Limonov giving a press conference.
Edward Limonov is the leader of the National-Bolsheviks Party, a radical left-wing movement that was outlawed by the Russian Supreme Court, but which has emerged as the leading opposition to President Putin. The NBP’s membership numbers in the thousands (see the first pic in the DOs).
Limonov first gained fame as an avant-garde poet in the Soviet Union in the late 60s and early 70s before he was forced to emigrate to the West in 1974. He lived in New York City until 1980. In 1982, he moved to Paris with his wife, the singer Natalya Medvedeva, where he became a major, if controversial, literary figure. During his stay in France, Limonov wrote his best novel, Memoir of a Russian Punk (Grove Press, 1990), along with several other novels and short-story collections.
In the early 1990s, as the Eastern Bloc collapsed, Limonov joined the Serbs, Russia’s historical allies, in their wars in Croatia and Bosnia.
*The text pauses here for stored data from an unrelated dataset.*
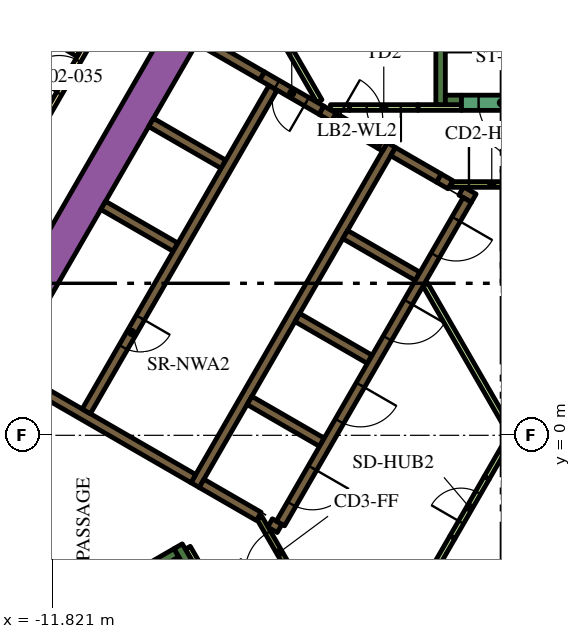
"""IFC4 building model, lengths in metres.
Left out: names, types, materials, properties, quantities, classifications, styles, units other than length and angle.
Written with IfcOpenShell. Run it as: python <this file> out.ifc"""

import sys

from ifc_helpers import new_model, si_unit, direction, frame, frame_2d, origin, place, context, subcontext, project, spatial, polyline, rectangle, outline, extrude, element, fill, save


model = new_model("IFC4")
c1 = context("Model", 3, precision=1e-05, world=origin(), true_north=direction((0.0, 1.0)))
c2 = subcontext(c1, "Body", "Model", "MODEL_VIEW")
j1 = project(units=[si_unit("LENGTHUNIT", "METRE"), si_unit("PLANEANGLEUNIT", "RADIAN")], contexts=[c1])
p1 = place(None, origin())
s1 = spatial("IfcSite", under=j1, at=p1, CompositionType="ELEMENT")
p2 = place(p1, origin())
s2 = spatial("IfcBuilding", under=s1, at=p2, CompositionType="ELEMENT")
p3 = place(p2, frame((0.0, 0.0, 43.2)))
s3 = spatial("IfcBuildingStorey", under=s2, at=p3, CompositionType="ELEMENT", Elevation=43.2)
p4 = place(p3, frame((-15.36, -1.503, 0.0), z_axis=(0.0, 0.0, 1.0), x_axis=(0.50000389221, 0.866023156604, 0.0)))
e1 = element("IfcWall", 1, at=p4, inside=s3, PredefinedType="SOLIDWALL", context=c2, shape_type="SweptSolid", body=[
    extrude(rectangle(XDim=21.0, YDim=0.9, at=frame_2d((10.5, 0.0))), origin(), (0.0, 0.0, 1.0), 3.9),
])
p5 = place(p3, frame((-1.6, 8.7, 0.0), z_axis=(0.0, 0.0, 1.0), x_axis=(0.0, 1.0, 0.0)))
e2 = element("IfcWall", 2, at=p5, inside=s3, PredefinedType="SOLIDWALL", context=c2, shape_type="SweptSolid", body=[
    extrude(rectangle(XDim=7.05, YDim=0.25, at=frame_2d((3.525, 0.0))), origin(), (0.0, 0.0, 1.0), 3.9),
])
p6 = place(p3, frame((-1.475, 8.825, 0.0), z_axis=(0.0, 0.0, 1.0), x_axis=(1.0, 0.0, 0.0)))
e3 = element("IfcWall", 3, at=p6, inside=s3, PredefinedType="SOLIDWALL", context=c2, shape_type="SweptSolid", body=[
    extrude(rectangle(XDim=0.425, YDim=0.25, at=frame_2d((0.212, 0.0))), origin(), (0.0, 0.0, 1.0), 3.9),
])
p7 = place(p3, frame((-14.44, -6.49, 0.0), z_axis=(0.0, 0.0, 1.0), x_axis=(0.866022966069, 0.500004222222, 0.0)))
e4 = element("IfcWall", 4, at=p7, inside=s3, PredefinedType="SOLIDWALL", context=c2, shape_type="SweptSolid", body=[
    extrude(rectangle(XDim=6.8, YDim=0.25, at=frame_2d((3.4, 0.0))), origin(), (0.0, 0.0, 1.0), 3.9),
])
p8 = place(p3, frame((-8.168, -3.503, 0.0), z_axis=(0.0, 0.0, 1.0), x_axis=(-0.499952099219, 0.866053057547, 0.0)))
e5 = element("IfcWall", 5, at=p8, inside=s3, PredefinedType="SOLIDWALL", context=c2, shape_type="SweptSolid", body=[
    extrude(rectangle(XDim=0.675, YDim=0.25, at=frame_2d((0.337, 0.0))), origin(), (0.0, 0.0, 1.0), 3.9),
])
p9 = place(p3, frame((-8.06, -1.311, 0.0), z_axis=(0.0, 0.0, 1.0), x_axis=(0.50000273126, 0.866023826885, 0.0)))
e6 = element("IfcWall", 6, at=p9, inside=s3, PredefinedType="SOLIDWALL", context=c2, shape_type="SweptSolid", body=[
    extrude(rectangle(XDim=10.33, YDim=0.25, at=frame_2d((5.165, 0.0))), origin(), (0.0, 0.0, 1.0), 3.9),
])
p10 = place(p3, frame((-1.342, 6.595, 0.0), z_axis=(0.0, 0.0, 1.0), x_axis=(-0.866046247233, 0.49996389635, 0.0)))
e7 = element("IfcWall", 7, at=p10, inside=s3, PredefinedType="SOLIDWALL", context=c2, shape_type="SweptSolid", body=[
    extrude(rectangle(XDim=0.35, YDim=0.25, at=frame_2d((0.175, 0.0))), origin(), (0.0, 0.0, 1.0), 3.9),
])
p11 = place(p3, frame((-1.647, 6.771, 0.0), z_axis=(0.0, 0.0, 1.0), x_axis=(-0.865971728693, 0.500092956464, 0.0)))
e8 = element("IfcWall", 8, at=p11, inside=s3, PredefinedType="SOLIDWALL", context=c2, shape_type="SweptSolid", body=[
    extrude(rectangle(XDim=1.388, YDim=0.25, at=frame_2d((0.694, 0.0))), origin(), (0.0, 0.0, 1.0), 3.9),
])
p12 = place(p3, frame((-0.728, 6.24, 0.0), z_axis=(0.0, 0.0, 1.0), x_axis=(-0.866088799389, 0.499890179513, 0.0)))
e9 = element("IfcWall", 9, at=p12, inside=s3, PredefinedType="SOLIDWALL", context=c2, shape_type="SweptSolid", body=[
    extrude(rectangle(XDim=0.378, YDim=0.25, at=frame_2d((0.189, 0.0))), origin(), (0.0, 0.0, 1.0), 3.9),
])
for number, where, z_axis, x_axis in (
    (10, (-2.204, 4.182, 0.0), (0.0, 0.0, 1.0), (-0.866, 0.5, 0.0)),
    (11, (-5.369, 3.1, 0.0), (0.0, 0.0, 1.0), (0.866, -0.5, 0.0)),
    (12, (-4.724, -0.182, 0.0), (0.0, 0.0, 1.0), (-0.866, 0.5, 0.0)),
):
    element("IfcWall", number, at=place(p3, frame(where, z_axis=z_axis, x_axis=x_axis)), inside=s3, PredefinedType="SOLIDWALL", context=c2, shape_type="SweptSolid", body=[
        extrude(rectangle(XDim=2.2, YDim=0.25, at=frame_2d((1.1, 0.0))), origin(), (0.0, 0.0, 1.0), 3.9),
    ])
p13 = place(p3, frame((-6.088, -2.305, 0.0), z_axis=(0.0, 0.0, 1.0), x_axis=(0.866059450854, -0.499941024108, 0.0)))
e13 = element("IfcWall", 13, at=p13, inside=s3, PredefinedType="SOLIDWALL", context=c2, shape_type="SweptSolid", body=[
    extrude(rectangle(XDim=0.29, YDim=0.25, at=frame_2d((0.145, 0.0))), origin(), (0.0, 0.0, 1.0), 3.9),
])
p14 = place(p3, frame((-7.889, -1.265, 0.0), z_axis=(0.0, 0.0, 1.0), x_axis=(0.865986741702, -0.500066958712, 0.0)))
e14 = element("IfcWall", 14, at=p14, inside=s3, PredefinedType="SOLIDWALL", context=c2, shape_type="SweptSolid", body=[
    extrude(rectangle(XDim=1.738, YDim=0.25, at=frame_2d((0.869, 0.0))), origin(), (0.0, 0.0, 1.0), 3.9),
])
p15 = place(p3, frame((-8.106, -1.14, 0.0), z_axis=(0.0, 0.0, 1.0), x_axis=(-0.866000643155, 0.500042884217, 0.0)))
e15 = element("IfcWall", 15, at=p15, inside=s3, PredefinedType="SOLIDWALL", context=c2, shape_type="SweptSolid", body=[
    extrude(rectangle(XDim=5.65, YDim=0.25, at=frame_2d((2.825, 0.0))), origin(), (0.0, 0.0, 1.0), 3.9),
])
p16 = place(p3, origin())
e16 = element("IfcWall", 16, at=p16, inside=s3, PredefinedType="SOLIDWALL", context=c2, shape_type="SweptSolid", body=[
    extrude(outline(polyline([(-3.128, 7.481), (-3.259, 7.557), (-3.134, 7.773), (-3.003, 7.698), (-3.128, 7.481)])), origin(), (0.0, 0.0, 1.0), 3.9),
])
for number, where, z_axis, x_axis in (
    (17, (-8.574, 4.95, 0.0), (0.0, 0.0, 1.0), (-0.866, 0.5, 0.0)),
    (18, (-7.314, 7.132, 0.0), (0.0, 0.0, 1.0), (-0.866, 0.5, 0.0)),
):
    element("IfcWall", number, at=place(p3, frame(where, z_axis=z_axis, x_axis=x_axis)), inside=s3, PredefinedType="SOLIDWALL", context=c2, shape_type="SweptSolid", body=[
        extrude(rectangle(XDim=2.2, YDim=0.25, at=frame_2d((1.1, 0.0))), origin(), (0.0, 0.0, 1.0), 3.9),
    ])
p17 = place(p3, frame((-6.296, 9.455, 0.0), z_axis=(0.0, 0.0, 1.0), x_axis=(-0.866011930837, 0.500023335103, 0.0)))
e19 = element("IfcWall", 19, at=p17, inside=s3, PredefinedType="SOLIDWALL", context=c2, shape_type="SweptSolid", body=[
    extrude(rectangle(XDim=1.92, YDim=0.25, at=frame_2d((0.96, 0.0))), origin(), (0.0, 0.0, 1.0), 3.9),
])
p18 = place(p3, frame((-4.409, 8.365, 0.0), z_axis=(0.0, 0.0, 1.0), x_axis=(-0.866057014183, 0.499945245186, 0.0)))
e20 = element("IfcWall", 20, at=p18, inside=s3, PredefinedType="SOLIDWALL", context=c2, shape_type="SweptSolid", body=[
    extrude(rectangle(XDim=0.379, YDim=0.25, at=frame_2d((0.19, 0.0))), origin(), (0.0, 0.0, 1.0), 3.9),
])
p19 = place(p3, frame((-1.887, -3.718, 0.0), z_axis=(0.0, 0.0, 1.0), x_axis=(0.500057179532, 0.865992388649, 0.0)))
e21 = element("IfcWall", 21, at=p19, inside=s3, PredefinedType="PARTITIONING", context=c2, shape_type="SweptSolid", body=[
    extrude(rectangle(XDim=1.199, YDim=0.15, at=frame_2d((0.6, 0.0))), origin(), (0.0, 0.0, 1.0), 2.75),
])
p20 = place(p3, frame((-8.252, -2.958, 0.0), z_axis=(0.0, 0.0, 1.0), x_axis=(0.500174715838, -0.865924508047, 0.0)))
e22 = element("IfcWall", 22, at=p20, inside=s3, PredefinedType="PARTITIONING", context=c2, shape_type="SweptSolid", body=[
    extrude(rectangle(XDim=0.514, YDim=0.15, at=frame_2d((0.257, 0.0))), origin(), (0.0, 0.0, 1.0), 2.75),
])
p21 = place(p3, frame((-2.195, 8.625, 0.0), z_axis=(0.0, 0.0, 1.0), x_axis=(1.0, 0.0, 0.0)))
e23 = element("IfcWall", 23, at=p21, inside=s3, PredefinedType="PARTITIONING", context=c2, shape_type="SweptSolid", body=[
    extrude(rectangle(XDim=1.145, YDim=0.15, at=frame_2d((0.573, 0.0))), origin(), (0.0, 0.0, 1.0), 2.75),
])
p22 = place(p3, frame((-6.823, 12.318, 0.0), z_axis=(0.0, 0.0, 1.0), x_axis=(0.500007885066, -0.866020851292, 0.0)))
e24 = element("IfcWall", 24, at=p22, inside=s3, PredefinedType="PARTITIONING", context=c2, shape_type="SweptSolid", body=[
    extrude(rectangle(XDim=4.072, YDim=0.15, at=frame_2d((2.036, 0.0))), origin(), (0.0, 0.0, 1.0), 2.75),
])
p23 = place(p3, frame((-4.498, 8.625, 0.0), z_axis=(0.0, 0.0, 1.0), x_axis=(1.0, 0.0, 0.0)))
e25 = element("IfcWall", 25, at=p23, inside=s3, PredefinedType="PARTITIONING", context=c2, shape_type="SweptSolid", body=[
    extrude(rectangle(XDim=0.502, YDim=0.15, at=frame_2d((0.251, 0.0))), origin(), (0.0, 0.0, 1.0), 2.75),
])
p24 = place(p3, frame((2.435, -3.718, 0.0), z_axis=(0.0, 0.0, 1.0), x_axis=(-0.499985176046, 0.866033962229, 0.0)))
e26 = element("IfcWall", 26, at=p24, inside=s3, PredefinedType="PARTITIONING", context=c2, shape_type="SweptSolid", body=[
    extrude(rectangle(XDim=8.875, YDim=0.15, at=frame_2d((4.438, 0.0))), origin(), (0.0, 0.0, 1.0), 2.75),
])
p25 = place(p3, frame((-0.387, -1.121, 0.0), z_axis=(0.0, 0.0, 1.0), x_axis=(0.500057179532, 0.865992388649, 0.0)))
e27 = element("IfcWall", 27, at=p25, inside=s3, PredefinedType="PARTITIONING", context=c2, shape_type="SweptSolid", body=[
    extrude(rectangle(XDim=1.199, YDim=0.15, at=frame_2d((0.6, 0.0))), origin(), (0.0, 0.0, 1.0), 2.75),
])
p26 = place(p3, frame((-6.008, 9.144, 0.0), z_axis=(0.0, 0.0, 1.0), x_axis=(-0.500006956611, -0.866021387346, 0.0)))
e28 = element("IfcWall", 28, at=p26, inside=s3, PredefinedType="SOLIDWALL", context=c2, shape_type="SweptSolid", body=[
    extrude(rectangle(XDim=9.83, YDim=0.25, at=frame_2d((4.915, 0.0))), origin(), (0.0, 0.0, 1.0), 3.9),
])
p27 = place(p26, frame((6.985, 0.0, 0.0)))
e29 = element("IfcOpeningElement", 29, at=p27, cuts=e28, PredefinedType="OPENING", context=c2, shape_type="SweptSolid", body=[
    extrude(rectangle(XDim=0.9, YDim=2.1, at=frame_2d((0.45, 1.05))), frame((0.0, 0.135, 0.0), z_axis=(0.0, -1.0, 0.0), x_axis=(1.0, 0.0, 0.0)), (0.0, 0.0, 1.0), 0.27),
])
p28 = place(p3, frame((-0.898, 6.194, 0.0), z_axis=(0.0, 0.0, 1.0), x_axis=(-0.499996202215, -0.866027596426, 0.0)))
e30 = element("IfcWall", 30, at=p28, inside=s3, PredefinedType="SOLIDWALL", context=c2, shape_type="SweptSolid", body=[
    extrude(rectangle(XDim=9.83, YDim=0.25, at=frame_2d((4.915, 0.0))), origin(), (0.0, 0.0, 1.0), 3.9),
])
p29 = place(p28, frame((0.585, 0.0, 0.0)))
e31 = element("IfcOpeningElement", 31, at=p29, cuts=e30, PredefinedType="OPENING", context=c2, shape_type="SweptSolid", body=[
    extrude(rectangle(XDim=1.1, YDim=2.1, at=frame_2d((0.55, 1.05))), frame((0.0, 0.135, 0.0), z_axis=(0.0, -1.0, 0.0), x_axis=(1.0, 0.0, 0.0)), (0.0, 0.0, 1.0), 0.27),
])
p30 = place(p28, frame((3.105, 0.0, 0.0)))
e32 = element("IfcOpeningElement", 32, at=p30, cuts=e30, PredefinedType="OPENING", context=c2, shape_type="SweptSolid", body=[
    extrude(rectangle(XDim=1.1, YDim=2.1, at=frame_2d((0.55, 1.05))), frame((0.0, 0.135, 0.0), z_axis=(0.0, -1.0, 0.0), x_axis=(1.0, 0.0, 0.0)), (0.0, 0.0, 1.0), 0.27),
])
p31 = place(p28, frame((5.625, 0.0, 0.0)))
e33 = element("IfcOpeningElement", 33, at=p31, cuts=e30, PredefinedType="OPENING", context=c2, shape_type="SweptSolid", body=[
    extrude(rectangle(XDim=1.1, YDim=2.1, at=frame_2d((0.55, 1.05))), frame((0.0, 0.135, 0.0), z_axis=(0.0, -1.0, 0.0), x_axis=(1.0, 0.0, 0.0)), (0.0, 0.0, 1.0), 0.27),
])
p32 = place(p28, frame((8.145, 0.0, 0.0)))
e34 = element("IfcOpeningElement", 34, at=p32, cuts=e30, PredefinedType="OPENING", context=c2, shape_type="SweptSolid", body=[
    extrude(rectangle(XDim=1.1, YDim=2.1, at=frame_2d((0.55, 1.05))), frame((0.0, 0.135, 0.0), z_axis=(0.0, -1.0, 0.0), x_axis=(1.0, 0.0, 0.0)), (0.0, 0.0, 1.0), 0.27),
])
p33 = place(p3, frame((1.05, 8.75, 0.0), z_axis=(0.0, 0.0, 1.0), x_axis=(-1.0, 0.0, 0.0)))
e35 = element("IfcWall", 35, at=p33, inside=s3, PredefinedType="SOLIDWALL", context=c2, shape_type="SweptSolid", body=[
    extrude(rectangle(XDim=2.1, YDim=0.4, at=frame_2d((1.05, 0.0))), origin(), (0.0, 0.0, 1.0), 3.9),
])
p34 = place(p33, frame((0.45, 0.0, 0.0)))
e36 = element("IfcOpeningElement", 36, at=p34, cuts=e35, PredefinedType="OPENING", context=c2, shape_type="SweptSolid", body=[
    extrude(rectangle(XDim=1.2, YDim=2.1, at=frame_2d((0.6, 1.05))), frame((0.0, 0.21, 0.0), z_axis=(0.0, -1.0, 0.0), x_axis=(1.0, 0.0, 0.0)), (0.0, 0.0, 1.0), 0.42),
])
p35 = place(p3, frame((-2.195, 8.625, 0.0), z_axis=(0.0, 0.0, 1.0), x_axis=(-1.0, 0.0, 0.0)))
e37 = element("IfcWall", 37, at=p35, inside=s3, PredefinedType="PARTITIONING", context=c2, shape_type="SweptSolid", body=[
    extrude(rectangle(XDim=1.8, YDim=0.15, at=frame_2d((0.9, 0.0))), origin(), (0.0, 0.0, 1.0), 2.75),
])
p36 = place(p35, frame((0.45, 0.0, 0.0)))
e38 = element("IfcOpeningElement", 38, at=p36, cuts=e37, PredefinedType="OPENING", context=c2, shape_type="SweptSolid", body=[
    extrude(rectangle(XDim=0.9, YDim=2.1, at=frame_2d((0.45, 1.05))), frame((0.0, 0.085, 0.0), z_axis=(0.0, -1.0, 0.0), x_axis=(1.0, 0.0, 0.0)), (0.0, 0.0, 1.0), 0.17),
])
p37 = place(p3, frame((-1.303, 6.6, 0.0), z_axis=(0.0, 0.0, 1.0), x_axis=(1.0, 0.0, 0.0)))
e39 = element("IfcWall", 39, at=p37, inside=s3, PredefinedType="PARTITIONING", context=c2, shape_type="SweptSolid", body=[
    extrude(rectangle(XDim=2.1, YDim=0.15, at=frame_2d((1.05, 0.0))), origin(), (0.0, 0.0, 1.0), 3.9),
])
p38 = place(p37, frame((0.45, 0.0, 0.0)))
e40 = element("IfcOpeningElement", 40, at=p38, cuts=e39, PredefinedType="OPENING", context=c2, shape_type="SweptSolid", body=[
    extrude(rectangle(XDim=1.2, YDim=2.1, at=frame_2d((0.6, 1.05))), frame((0.0, 0.085, 0.0), z_axis=(0.0, -1.0, 0.0), x_axis=(1.0, 0.0, 0.0)), (0.0, 0.0, 1.0), 0.17),
])
p39 = place(p3, frame((-5.317, -3.99, 0.0), z_axis=(0.0, 0.0, 1.0), x_axis=(-0.500027713859, 0.866009402589, 0.0)))
e41 = element("IfcWall", 41, at=p39, inside=s3, PredefinedType="PARTITIONING", context=c2, shape_type="SweptSolid", body=[
    extrude(rectangle(XDim=2.1, YDim=0.15, at=frame_2d((1.05, 0.0))), origin(), (0.0, 0.0, 1.0), 3.9),
])
p40 = place(p39, frame((0.45, 0.0, 0.0)))
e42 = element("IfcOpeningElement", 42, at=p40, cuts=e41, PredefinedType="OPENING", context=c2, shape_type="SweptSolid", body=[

Reports of Limonov fighting with the Serbs led to him being blacklisted by most of his European publishers. He moved back to Russia in 1992 and entered politics, initially as the Minister of the Interior in flamboyant nationalist Vladimir Zhirinovsky’s shadow cabinet.
In 1994, Limonov founded the National-Bolsheviks Party with philosopher Alexander Dugin and punk rock icon Yegor Letov. It quickly became a magnet for angry Russian kids.
In 2001, Limonov and several members of his party were arrested and charged with attempting to acquire weapons, raise an illegal army, and invade Kazakhstan with the goal of setting up a National-Bolsheviks republic in the Russian-populated northern part of that country. He spent two and a half years in prison.
PS: Limonov’s real name is Edward Savenko.
PPS: Limonov likes his writing in English to read broken, like a real Russian would speak it. So fuck you if you think he sounds like Balki from Perfect Strangers. This is how he writes.
Lefortovo prison is beautiful as a cathedral. It is shaped like a letter K because German princess Katherine became Russian tzaritza Katherine the Great, so obedient Russians started to build prisons in the shape of letter K. In order to please Katherine the Great.
The main line of this letter K is open-spaced enormous corridor with four rows of wide windows in its ends. All along the walls are located the doors of prison cells. Narrow metal staircases are hanging on the walls starting from second floor, giving access to the cells of higher floors. In the same way are constructed two other shorter parts of letter K. All the three are crossing in only the one point. That is exactly place where commanding post of great prison boat is located.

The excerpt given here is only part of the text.